Mount Laguna has a warm Mediterranean climate, characterized by dry summers and wet winters. Mount Laguna sometimes experiences summer monsoons.

==Demographics==

Mount Laguna first appeared as a census designated place in the 2010 U.S. census.

Historical population
| Census | Pop. | Note | %± |
| 2010 | 57 |  | — |
| 2020 | 74 |  | 29.8% |
U.S. Decennial Census 1860–1870 1880-1890 1900 1910 1920 1930 1940 1950 1960 1970 1980 1990 2000 2010 2020

===2020===

Mount Laguna CDP, California – Racial and ethnic composition Note: the US Census treats Hispanic/Latino as an ethnic category.
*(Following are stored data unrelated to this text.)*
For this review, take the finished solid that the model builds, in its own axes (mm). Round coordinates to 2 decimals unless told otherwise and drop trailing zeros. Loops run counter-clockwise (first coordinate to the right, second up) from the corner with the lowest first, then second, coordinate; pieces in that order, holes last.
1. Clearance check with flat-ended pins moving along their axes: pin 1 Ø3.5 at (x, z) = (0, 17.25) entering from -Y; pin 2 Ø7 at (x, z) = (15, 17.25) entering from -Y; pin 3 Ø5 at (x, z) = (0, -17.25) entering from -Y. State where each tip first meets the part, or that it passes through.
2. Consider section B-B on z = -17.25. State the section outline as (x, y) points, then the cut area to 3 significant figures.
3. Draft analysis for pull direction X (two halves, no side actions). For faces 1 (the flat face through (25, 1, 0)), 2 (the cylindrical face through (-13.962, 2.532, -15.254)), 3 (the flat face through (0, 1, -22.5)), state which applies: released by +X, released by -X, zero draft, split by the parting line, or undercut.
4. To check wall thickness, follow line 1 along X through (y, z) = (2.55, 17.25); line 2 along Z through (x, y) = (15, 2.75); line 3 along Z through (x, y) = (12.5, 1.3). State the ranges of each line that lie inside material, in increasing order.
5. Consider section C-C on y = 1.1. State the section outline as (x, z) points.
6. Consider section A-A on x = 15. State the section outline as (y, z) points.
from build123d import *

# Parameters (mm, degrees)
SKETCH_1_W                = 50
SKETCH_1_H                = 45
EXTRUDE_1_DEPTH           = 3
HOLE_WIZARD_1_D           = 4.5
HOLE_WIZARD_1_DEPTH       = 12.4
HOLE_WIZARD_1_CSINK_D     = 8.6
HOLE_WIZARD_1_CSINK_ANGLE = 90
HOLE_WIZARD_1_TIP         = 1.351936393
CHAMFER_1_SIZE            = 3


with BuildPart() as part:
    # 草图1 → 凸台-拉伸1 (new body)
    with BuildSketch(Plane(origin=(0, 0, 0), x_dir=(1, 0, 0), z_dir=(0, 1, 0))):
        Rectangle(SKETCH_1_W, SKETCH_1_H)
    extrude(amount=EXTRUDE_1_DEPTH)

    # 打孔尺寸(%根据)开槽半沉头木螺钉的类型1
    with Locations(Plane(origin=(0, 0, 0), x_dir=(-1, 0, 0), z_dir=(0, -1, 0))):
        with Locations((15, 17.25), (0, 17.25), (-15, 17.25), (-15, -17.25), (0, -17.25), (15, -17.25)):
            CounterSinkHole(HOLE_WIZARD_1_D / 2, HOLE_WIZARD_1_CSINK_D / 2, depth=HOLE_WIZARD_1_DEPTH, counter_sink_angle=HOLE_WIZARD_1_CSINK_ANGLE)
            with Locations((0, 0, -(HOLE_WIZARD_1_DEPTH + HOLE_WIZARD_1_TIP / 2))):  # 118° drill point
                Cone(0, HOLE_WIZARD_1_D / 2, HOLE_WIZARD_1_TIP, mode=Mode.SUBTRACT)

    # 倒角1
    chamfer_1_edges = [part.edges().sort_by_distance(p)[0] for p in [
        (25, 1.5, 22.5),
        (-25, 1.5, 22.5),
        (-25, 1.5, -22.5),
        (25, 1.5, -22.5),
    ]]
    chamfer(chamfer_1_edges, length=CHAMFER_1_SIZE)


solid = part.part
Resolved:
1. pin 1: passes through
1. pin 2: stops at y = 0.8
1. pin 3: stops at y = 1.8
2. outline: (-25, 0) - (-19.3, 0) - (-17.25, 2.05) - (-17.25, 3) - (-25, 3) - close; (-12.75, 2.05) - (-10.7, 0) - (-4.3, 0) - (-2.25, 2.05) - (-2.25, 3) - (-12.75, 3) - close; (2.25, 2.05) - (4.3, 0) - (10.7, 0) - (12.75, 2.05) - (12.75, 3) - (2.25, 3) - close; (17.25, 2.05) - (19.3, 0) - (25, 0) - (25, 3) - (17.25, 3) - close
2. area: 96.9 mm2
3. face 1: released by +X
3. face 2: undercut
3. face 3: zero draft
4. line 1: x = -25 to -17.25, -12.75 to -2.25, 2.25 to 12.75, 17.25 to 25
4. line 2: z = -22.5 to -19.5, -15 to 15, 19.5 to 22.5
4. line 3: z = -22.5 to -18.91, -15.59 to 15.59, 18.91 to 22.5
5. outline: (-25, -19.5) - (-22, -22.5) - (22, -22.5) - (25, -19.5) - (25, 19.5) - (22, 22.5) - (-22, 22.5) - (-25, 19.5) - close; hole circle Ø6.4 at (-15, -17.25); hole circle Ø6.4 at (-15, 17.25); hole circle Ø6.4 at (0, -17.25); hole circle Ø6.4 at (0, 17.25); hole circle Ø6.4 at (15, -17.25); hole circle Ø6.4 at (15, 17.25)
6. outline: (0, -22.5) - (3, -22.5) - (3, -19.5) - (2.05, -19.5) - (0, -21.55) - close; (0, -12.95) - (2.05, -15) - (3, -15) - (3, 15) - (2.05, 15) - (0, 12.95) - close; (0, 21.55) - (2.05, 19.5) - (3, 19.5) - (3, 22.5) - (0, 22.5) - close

This table excludes Latinos from the racial categories and assigns them to a separate category. Hispanics/Latinos may be of any race.
| Race / Ethnicity (NH = Non-Hispanic) | Pop 2010 | Pop 2020 | % 2010 | % 2020 |
|---|---|---|---|---|
| White alone (NH) | 55 | 59 | 96.49% | 79.73% |
| Black or African American alone (NH) | 0 | 0 | 0.00% | 0.00% |
| Native American or Alaska Native alone (NH) | 0 | 1 | 0.00% | 1.35% |
| Asian alone (NH) | 1 | 0 | 1.75% | 0.00% |
| Native Hawaiian or Pacific Islander alone (NH) | 0 | 0 | 0.00% | 0.00% |
| Other race alone (NH) | 0 | 0 | 0.00% | 0.00% |
| Mixed race or Multiracial (NH) | 0 | 5 | 0.00% | 6.76% |
| Hispanic or Latino (any race) | 1 | 9 | 1.75% | 12.16% |
| Total | 57 | 74 | 100.00% | 100.00% |

===2010===
At the 2010 census Mount Laguna had a population of 57. The population density was 33.6 PD/sqmi. The racial makeup of Mount Laguna was 55 (96.5%) White, 0 (0.0%) African American, 0 (0.0%) Native American, 1 (1.8%) Asian, 0 (0.0%) Pacific Islander, 1 (1.8%) from other races, and 0 (0.0%) from two or more races. Hispanic or Latino of any race were 1 people (1.8%).

The whole population lived in households, no one lived in non-institutionalized group quarters and no one was institutionalized.

There were 32 households, 3 (9.4%) had children under the age of 18 living in them, 15 (46.9%) were opposite-sex married couples living together, 0 (0%) had a female householder with no husband present, 1 (3.1%) had a male householder with no wife present. There were 0 (0%) unmarried opposite-sex partnerships, and 0 (0%) same-sex married couples or partnerships. 15 households (46.9%) were one person and 9 (28.1%) had someone living alone who was 65 or older. The average household size was 1.78. There were 16 families (50.0% of households); the average family size was 2.50.

The age distribution was 4 people (7.0%) under the age of 18, 4 people (7.0%) aged 18 to 24, 3 people (5.3%) aged 25 to 44, 21 people (36.8%) aged 45 to 64, and 25 people (43.9%) who were 65 or older. The median age was 61.5 years. For every 100 females, there were 90.0 males. For every 100 females age 18 and over, there were 96.3 males.

There were 167 housing units at an average density of 98.4 per square mile, of the occupied units 25 (78.1%) were owner-occupied and 7 (21.9%) were rented. The homeowner vacancy rate was 0%; the rental vacancy rate was 12.5%. 50 people (87.7% of the population) lived in owner-occupied housing units and 7 people (12.3%) lived in rental housing units.